Most mathematical modelers for differential equation simulation still lack solid semantics, and, as said before, do not correctly support the mixture of continuous control and discrete event handling. An elegant theoretical solution to continuous/discrete cooperation has been proposed by Benveniste, Bourke, Caillaud, and Pouzet [8]. It is based on non-standard analysis: in addition to progressing by real \(\epsilon \)’s between integration steps, time can progress by infinitesimal \(\epsilon \)’s during discrete event cascades. More practically, Pouzet and his team are defining the Zelus simulation language and compiler [25, 52], with a type-checker that sorts out continuous and discrete behaviors to ensure that simulation behavior exactly respects the semantics that mathematically defines the expected system behavior. Such a language could advantageously replace the existing ones in mathematical modelers and solve the current continuous/discrete conflicts.

Most code generation tools end up generating C code. But C compilers are not as robust as one usually thinks. For instance, using smart random generation techniques, the CSmith project has generated one million C programs especially triggered to shake C compilers. CSmith found lots of bugs in most tested compilers, be them academic or industrial. These bugs can be compiler crashes or internal errors, which is harmless, but they can also be wrong generated code, which is really harmful and raises questions about the “certification by large usage” often invoked in industry. Only one compiler survived: CompCert [45] by Xavier Leroy and his team. This is not surprising since CompCert has been developed and formally verified with Coq [22], much of its code being automatically extracted from the proof. Such a formally verified and reasonably efficient compiler should definitely be used for safety-critical systems.
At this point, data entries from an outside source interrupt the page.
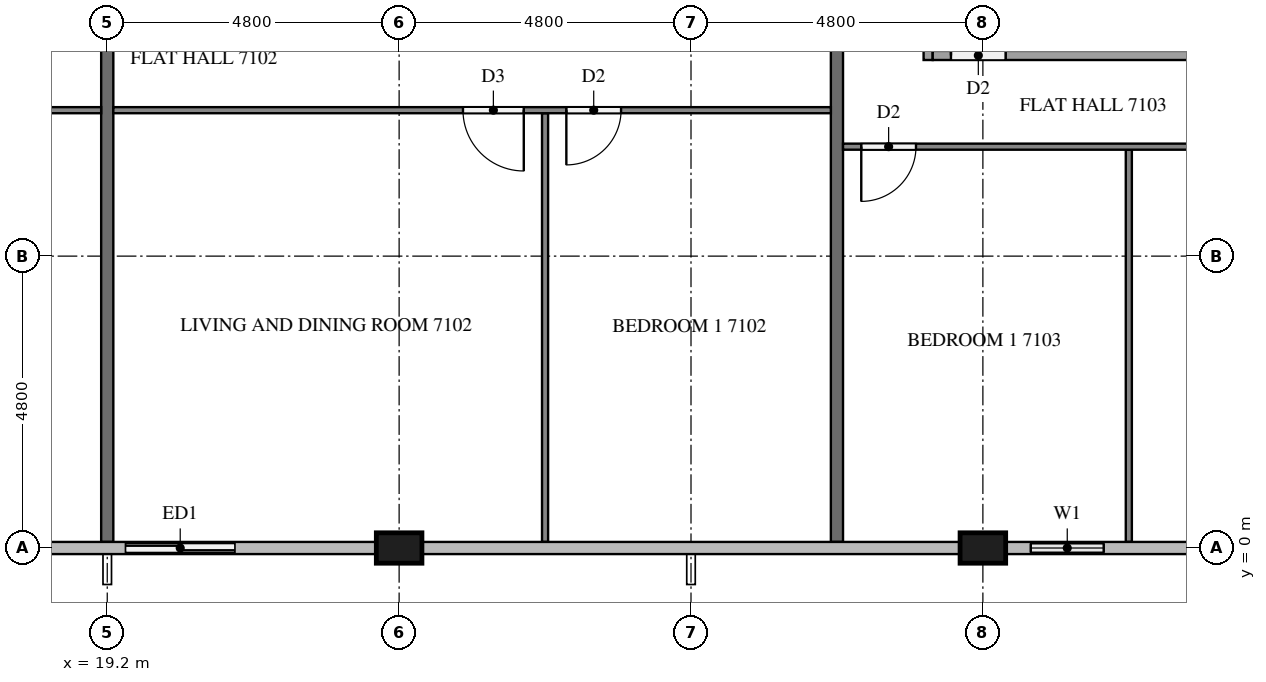
"""IFC4 building model, lengths in metres.
Left out: names, types, materials, properties, quantities, classifications, styles, units other than length and angle.
Written with IfcOpenShell. Run it as: python <this file> out.ifc"""

import sys

from ifc_helpers import new_model, si_unit, direction, frame, frame_2d, origin, origin_2d, place, context, subcontext, project, spatial, rectangle, extrude, element, fill, save


model = new_model("IFC4")
c1 = context("Model", 3, precision=1e-05, world=origin(), true_north=direction((0.0, 1.0)))
c2 = subcontext(c1, "Body", "Model", "MODEL_VIEW")
j1 = project(units=[si_unit("LENGTHUNIT", "METRE"), si_unit("PLANEANGLEUNIT", "RADIAN")], contexts=[c1])
p1 = place(None, origin())
s1 = spatial("IfcSite", under=j1, at=p1, CompositionType="ELEMENT")
p2 = place(p1, origin())
s2 = spatial("IfcBuilding", under=s1, at=p2, CompositionType="ELEMENT")
p3 = place(p2, frame((0.0, 0.0, 272.1)))
s3 = spatial("IfcBuildingStorey", under=s2, at=p3, CompositionType="ELEMENT", Elevation=272.1)
for number, where, z_axis, x_axis in (
    (1, (24.0, 0.0, 0.0), (0.0, 0.0, 1.0), (1.0, 0.0, 0.0)),
    (2, (33.6, 0.0, 0.0), (0.0, 0.0, 1.0), (1.0, 0.0, 0.0)),
):
    element("IfcColumn", number, at=place(p3, frame(where, z_axis=z_axis, x_axis=x_axis)), inside=s3, PredefinedType="COLUMN", context=c2, shape_type="SweptSolid", body=[
        extrude(rectangle(XDim=0.75, YDim=0.5, at=origin_2d()), origin(), (0.0, 0.0, 1.0), 3.2),
    ])
p4 = place(p3, frame((19.2, 0.0, 0.0), z_axis=(0.0, 0.0, 1.0), x_axis=(1.0, 0.0, 0.0)))
e3 = element("IfcWall", 3, at=p4, inside=s3, PredefinedType="SOLIDWALL", context=c2, shape_type="SweptSolid", body=[
    extrude(rectangle(XDim=2.4, YDim=0.15, at=frame_2d((1.2, 0.0))), origin(), (0.0, 0.0, 1.0), 3.2),
])
p5 = place(p4, frame((0.3, 0.0, 0.0)))
e4 = element("IfcOpeningElement", 4, at=p5, cuts=e3, PredefinedType="OPENING", context=c2, shape_type="SweptSolid", body=[
    extrude(rectangle(XDim=1.8, YDim=2.4, at=frame_2d((0.9, 1.2))), frame((0.0, 0.085, 0.0), z_axis=(0.0, -1.0, 0.0), x_axis=(1.0, 0.0, 0.0)), (0.0, 0.0, 1.0), 0.17),
])
p6 = place(p3, frame((33.975, 0.0, 0.0), z_axis=(0.0, 0.0, 1.0), x_axis=(1.0, 0.0, 0.0)))
e5 = element("IfcWall", 5, at=p6, inside=s3, PredefinedType="SOLIDWALL", context=c2, shape_type="SweptSolid", body=[
    extrude(rectangle(XDim=2.025, YDim=0.15, at=frame_2d((1.012, 0.0))), origin(), (0.0, 0.0, 1.0), 3.2),
])
p7 = place(p6, frame((0.413, 0.0, 0.9)))
e6 = element("IfcOpeningElement", 6, at=p7, cuts=e5, PredefinedType="OPENING", context=c2, shape_type="SweptSolid", body=[
    extrude(rectangle(XDim=1.2, YDim=1.4, at=frame_2d((0.6, 0.7))), frame((0.0, 0.085, 0.0), z_axis=(0.0, -1.0, 0.0), x_axis=(1.0, 0.0, 0.0)), (0.0, 0.0, 1.0), 0.17),
])
for number, where, z_axis, x_axis in (
    (7, (19.2, 11.9, 0.0), (0.0, 0.0, 1.0), (0.0, -1.0, 0.0)),
    (8, (31.2, 11.9, 0.0), (0.0, 0.0, 1.0), (0.0, -1.0, 0.0)),
):
    element("IfcWall", number, at=place(p3, frame(where, z_axis=z_axis, x_axis=x_axis)), inside=s3, PredefinedType="PARTITIONING", context=c2, shape_type="SweptSolid", body=[
        extrude(rectangle(XDim=11.8, YDim=0.2, at=frame_2d((5.9, 0.0))), origin(), (0.0, 0.0, 1.0), 3.2),
    ])
p8 = place(p3, frame((19.1, 7.2, 0.0), z_axis=(0.0, 0.0, 1.0), x_axis=(-1.0, 0.0, 0.0)))
e9 = element("IfcWall", 9, at=p8, inside=s3, PredefinedType="PARTITIONING", context=c2, shape_type="SweptSolid", body=[
    extrude(rectangle(XDim=19.0, YDim=0.1, at=frame_2d((9.5, 0.0))), origin(), (0.0, 0.0, 1.0), 3.2),
])
p9 = place(p8, frame((3.45, 0.0, 0.0)))
e10 = element("IfcOpeningElement", 10, at=p9, cuts=e9, PredefinedType="OPENING", context=c2, shape_type="SweptSolid", body=[
    extrude(rectangle(XDim=0.9, YDim=2.1, at=frame_2d((0.45, 1.05))), frame((0.0, 0.06, 0.0), z_axis=(0.0, -1.0, 0.0), x_axis=(1.0, 0.0, 0.0)), (0.0, 0.0, 1.0), 0.12),
])
p10 = place(p8, frame((5.05, 0.0, 0.0)))
e11 = element("IfcOpeningElement", 11, at=p10, cuts=e9, PredefinedType="OPENING", context=c2, shape_type="SweptSolid", body=[
    extrude(rectangle(XDim=0.9, YDim=2.1, at=frame_2d((0.45, 1.05))), frame((0.0, 0.06, 0.0), z_axis=(0.0, -1.0, 0.0), x_axis=(1.0, 0.0, 0.0)), (0.0, 0.0, 1.0), 0.12),
])
p11 = place(p8, frame((13.05, 0.0, 0.0)))
e12 = element("IfcOpeningElement", 12, at=p11, cuts=e9, PredefinedType="OPENING", context=c2, shape_type="SweptSolid", body=[
    extrude(rectangle(XDim=0.9, YDim=2.1, at=frame_2d((0.45, 1.05))), frame((0.0, 0.06, 0.0), z_axis=(0.0, -1.0, 0.0), x_axis=(1.0, 0.0, 0.0)), (0.0, 0.0, 1.0), 0.12),
])
p12 = place(p8, frame((14.65, 0.0, 0.0)))
e13 = element("IfcOpeningElement", 13, at=p12, cuts=e9, PredefinedType="OPENING", context=c2, shape_type="SweptSolid", body=[
    extrude(rectangle(XDim=1.0, YDim=2.1, at=frame_2d((0.5, 1.05))), frame((0.0, 0.06, 0.0), z_axis=(0.0, -1.0, 0.0), x_axis=(1.0, 0.0, 0.0)), (0.0, 0.0, 1.0), 0.12),
])
p13 = place(p3, frame((26.4, 7.15, 0.0), z_axis=(0.0, 0.0, 1.0), x_axis=(0.0, -1.0, 0.0)))
e14 = element("IfcWall", 14, at=p13, inside=s3, PredefinedType="PARTITIONING", context=c2, shape_type="SweptSolid", body=[
    extrude(rectangle(XDim=7.05, YDim=0.1, at=frame_2d((3.525, 0.0))), origin(), (0.0, 0.0, 1.0), 3.2),
])
p14 = place(p3, frame((31.1, 7.2, 0.0), z_axis=(0.0, 0.0, 1.0), x_axis=(-1.0, 0.0, 0.0)))
e15 = element("IfcWall", 15, at=p14, inside=s3, PredefinedType="PARTITIONING", context=c2, shape_type="SweptSolid", body=[
    extrude(rectangle(XDim=11.8, YDim=0.1, at=frame_2d((5.9, 0.0))), origin(), (0.0, 0.0, 1.0), 3.2),
])
p15 = place(p14, frame((3.45, 0.0, 0.0)))
e16 = element("IfcOpeningElement", 16, at=p15, cuts=e15, PredefinedType="OPENING", context=c2, shape_type="SweptSolid", body=[
    extrude(rectangle(XDim=0.9, YDim=2.1, at=frame_2d((0.45, 1.05))), frame((0.0, 0.06, 0.0), z_axis=(0.0, -1.0, 0.0), x_axis=(1.0, 0.0, 0.0)), (0.0, 0.0, 1.0), 0.12),
])
p16 = place(p14, frame((5.05, 0.0, 0.0)))
e17 = element("IfcOpeningElement", 17, at=p16, cuts=e15, PredefinedType="OPENING", context=c2, shape_type="SweptSolid", body=[
    extrude(rectangle(XDim=1.0, YDim=2.1, at=frame_2d((0.5, 1.05))), frame((0.0, 0.06, 0.0), z_axis=(0.0, -1.0, 0.0), x_axis=(1.0, 0.0, 0.0)), (0.0, 0.0, 1.0), 0.12),
])
p17 = place(p3, frame((36.0, 6.55, 0.0), z_axis=(0.0, 0.0, 1.0), x_axis=(0.0, -1.0, 0.0)))
e18 = element("IfcWall", 18, at=p17, inside=s3, PredefinedType="PARTITIONING", context=c2, shape_type="SweptSolid", body=[
    extrude(rectangle(XDim=6.45, YDim=0.1, at=frame_2d((3.225, 0.0))), origin(), (0.0, 0.0, 1.0), 3.2),
])
p18 = place(p3, frame((47.9, 6.6, 0.0), z_axis=(0.0, 0.0, 1.0), x_axis=(-1.0, 0.0, 0.0)))
e19 = element("IfcWall", 19, at=p18, inside=s3, PredefinedType="PARTITIONING", context=c2, shape_type="SweptSolid", body=[
    extrude(rectangle(XDim=16.6, YDim=0.1, at=frame_2d((8.3, 0.0))), origin(), (0.0, 0.0, 1.0), 3.2),
])
p19 = place(p18, frame((15.4, 0.0, 0.0)))
e20 = element("IfcOpeningElement", 20, at=p19, cuts=e19, PredefinedType="OPENING", context=c2, shape_type="SweptSolid", body=[
    extrude(rectangle(XDim=0.9, YDim=2.1, at=frame_2d((0.45, 1.05))), frame((0.0, 0.06, 0.0), z_axis=(0.0, -1.0, 0.0), x_axis=(1.0, 0.0, 0.0)), (0.0, 0.0, 1.0), 0.12),
])
p20 = place(p18, frame((7.45, 0.0, 0.0)))
e21 = element("IfcOpeningElement", 21, at=p20, cuts=e19, PredefinedType="OPENING", context=c2, shape_type="SweptSolid", body=[
    extrude(rectangle(XDim=0.9, YDim=2.1, at=frame_2d((0.45, 1.05))), frame((0.0, 0.06, 0.0), z_axis=(0.0, -1.0, 0.0), x_axis=(1.0, 0.0, 0.0)), (0.0, 0.0, 1.0), 0.12),
])
p21 = place(p18, frame((5.75, 0.0, 0.0)))
e22 = element("IfcOpeningElement", 22, at=p21, cuts=e19, PredefinedType="OPENING", context=c2, shape_type="SweptSolid", body=[
    extrude(rectangle(XDim=1.0, YDim=2.1, at=frame_2d((0.5, 1.05))), frame((0.0, 0.06, 0.0), z_axis=(0.0, -1.0, 0.0), x_axis=(1.0, 0.0, 0.0)), (0.0, 0.0, 1.0), 0.12),
])
p22 = place(p3, frame((32.7, 11.9, 0.0), z_axis=(0.0, 0.0, 1.0), x_axis=(0.0, -1.0, 0.0)))
e23 = element("IfcWall", 23, at=p22, inside=s3, PredefinedType="PARTITIONING", context=c2, shape_type="SweptSolid", body=[
    extrude(rectangle(XDim=3.875, YDim=0.15, at=frame_2d((1.938, 0.0))), origin(), (0.0, 0.0, 1.0), 3.2),
])
p23 = place(p3, frame((32.775, 8.1, 0.0), z_axis=(0.0, 0.0, 1.0), x_axis=(1.0, 0.0, 0.0)))
e24 = element("IfcWall", 24, at=p23, inside=s3, PredefinedType="PARTITIONING", context=c2, shape_type="SweptSolid", body=[
    extrude(rectangle(XDim=15.125, YDim=0.15, at=frame_2d((7.562, 0.0))), origin(), (0.0, 0.0, 1.0), 3.2),
])
p24 = place(p23, frame((0.3, 0.0, 0.0)))
e25 = element("IfcOpeningElement", 25, at=p24, cuts=e24, PredefinedType="OPENING", context=c2, shape_type="SweptSolid", body=[
    extrude(rectangle(XDim=0.9, YDim=2.1, at=frame_2d((0.45, 1.05))), frame((0.0, 0.085, 0.0), z_axis=(0.0, -1.0, 0.0), x_axis=(1.0, 0.0, 0.0)), (0.0, 0.0, 1.0), 0.17),
])
p25 = place(p23, frame((10.41, 0.0, 0.0)))
e26 = element("IfcOpeningElement", 26, at=p25, cuts=e24, PredefinedType="OPENING", context=c2, shape_type="SweptSolid", body=[
    extrude(rectangle(XDim=0.9, YDim=2.1, at=frame_2d((0.45, 1.05))), frame((0.0, 0.085, 0.0), z_axis=(0.0, -1.0, 0.0), x_axis=(1.0, 0.0, 0.0)), (0.0, 0.0, 1.0), 0.17),
])
p26 = place(p23, frame((11.96, 0.0, 0.0)))
e27 = element("IfcOpeningElement", 27, at=p26, cuts=e24, PredefinedType="OPENING", context=c2, shape_type="SweptSolid", body=[
    extrude(rectangle(XDim=0.8, YDim=2.1, at=frame_2d((0.4, 1.05))), frame((0.0, 0.085, 0.0), z_axis=(0.0, -1.0, 0.0), x_axis=(1.0, 0.0, 0.0)), (0.0, 0.0, 1.0), 0.17),
])
p27 = place(p5, origin())
e28 = element("IfcDoor", 28, at=p27, inside=s3, OperationType="SLIDING_TO_LEFT", PredefinedType="DOOR", context=c2, shape_type="SweptSolid", body=[
    extrude(rectangle(XDim=1.8, YDim=2.4, at=frame_2d((0.9, 1.2))), frame((0.0, 0.025, 0.0), z_axis=(0.0, -1.0, 0.0), x_axis=(1.0, 0.0, 0.0)), (0.0, 0.0, 1.0), 0.05),
])
fill(e4, e28)
p28 = place(p7, origin())
e29 = element("IfcWindow", 29, at=p28, inside=s3, PartitioningType="SINGLE_PANEL", PredefinedType="WINDOW", context=c2, shape_type="SweptSolid", body=[
    extrude(rectangle(XDim=1.2, YDim=1.4, at=frame_2d((0.6, 0.7))), frame((0.0, 0.03, 0.0), z_axis=(0.0, -1.0, 0.0), x_axis=(1.0, 0.0, 0.0)), (0.0, 0.0, 1.0), 0.06),
])
fill(e6, e29)
p29 = place(p15, origin())
e30 = element("IfcDoor", 30, at=p29, inside=s3, OperationType="SINGLE_SWING_RIGHT", PredefinedType="DOOR", context=c2, shape_type="SweptSolid", body=[
    extrude(rectangle(XDim=0.9, YDim=2.1, at=frame_2d((0.45, 1.05))), frame((0.0, 0.025, 0.0), z_axis=(0.0, -1.0, 0.0), x_axis=(1.0, 0.0, 0.0)), (0.0, 0.0, 1.0), 0.05),
])
fill(e16, e30)
p30 = place(p16, origin())
e31 = element("IfcDoor", 31, at=p30, inside=s3, OperationType="SINGLE_SWING_LEFT", PredefinedType="DOOR", context=c2, shape_type="SweptSolid", body=[
    extrude(rectangle(XDim=1.0, YDim=2.1, at=frame_2d((0.5, 1.05))), frame((0.0, 0.025, 0.0), z_axis=(0.0, -1.0, 0.0), x_axis=(1.0, 0.0, 0.0)), (0.0, 0.0, 1.0), 0.05),
])
fill(e17, e31)
p31 = place(p19, origin())
e32 = element("IfcDoor", 32, at=p31, inside=s3, OperationType="SINGLE_SWING_RIGHT", PredefinedType="DOOR", context=c2, shape_type="SweptSolid", body=[
    extrude(rectangle(XDim=0.9, YDim=2.1, at=frame_2d((0.45, 1.05))), frame((0.0, 0.025, 0.0), z_axis=(0.0, -1.0, 0.0), x_axis=(1.0, 0.0, 0.0)), (0.0, 0.0, 1.0), 0.05),
])
fill(e20, e32)
p32 = place(p24, origin())
e33 = element("IfcDoor", 33, at=p32, inside=s3, OperationType="SINGLE_SWING_LEFT", PredefinedType="DOOR", context=c2, shape_type="SweptSolid", body=[
    extrude(rectangle(XDim=0.9, YDim=2.1, at=frame_2d((0.45, 1.05))), frame((0.0, 0.025, 0.0), z_axis=(0.0, -1.0, 0.0), x_axis=(1.0, 0.0, 0.0)), (0.0, 0.0, 1.0), 0.05),
])
fill(e25, e33)
save(model, sys.argv[1])

Following the same track, L. Rieg and myself are currently feeding Coq with the chain of (Kernel) Esterel semantics up to circuit translation, with the hope of constructing a Coq-verified compiler - and to finally publish my draft book “The Constructive Semantics of Pure Esterel”Footnote 5 with all currently unpublished proofs of the theorems done in Coq. Similarly, T. Bourke and others are working on a Coq-verified Lustre compiler.

Finally, and most importantly, the models described in this paper correspond to compact 20\(^{th}\)-century embedded systems, to which the core synchronous framework is well-suited. But the embedded systems zoo of the 21\(^{st}\) century has many more animals, and in particular physically distributed systems mixing signal processing, complex control, fancy GUIs, etc. There have been many attempts to automatically distribute the code generated by synchronous languages (not detailed here), but more general ways to tackle the problem should be investigated.

Ptolemy IIFootnote 6, developed at UC Berkeley by Edward Lee’s team, is an exciting and elegant environment for model-based design of distributed systems. Instead of being based on a single computation paradigm, Ptolemy II supports a variety of computation and communication models, including the synchronous one, and links them quite cleanly within a global graphical framework. I think such a system can play a major role in the unification of model-based design and programming. Other extensions of the synchronous paradigm are the aforementioned SCL approach [62] and the Averest project by K. Schneider et al. (http://www.averest.org).

6 Conclusion

We have shown the direct and formal connection between model-based design and programming in the synchronous languages framework, and detailed its industrial tooling and applications developments in the embedded systems application area. By adopting a higher-level model-based way of writing and verifying designs, we could simplify and put closer modeling and programming in this application domain. There are many other places where unification of modeling and programming should be performed, probably in a different way. Isola will be an excellent occasion of discussing this.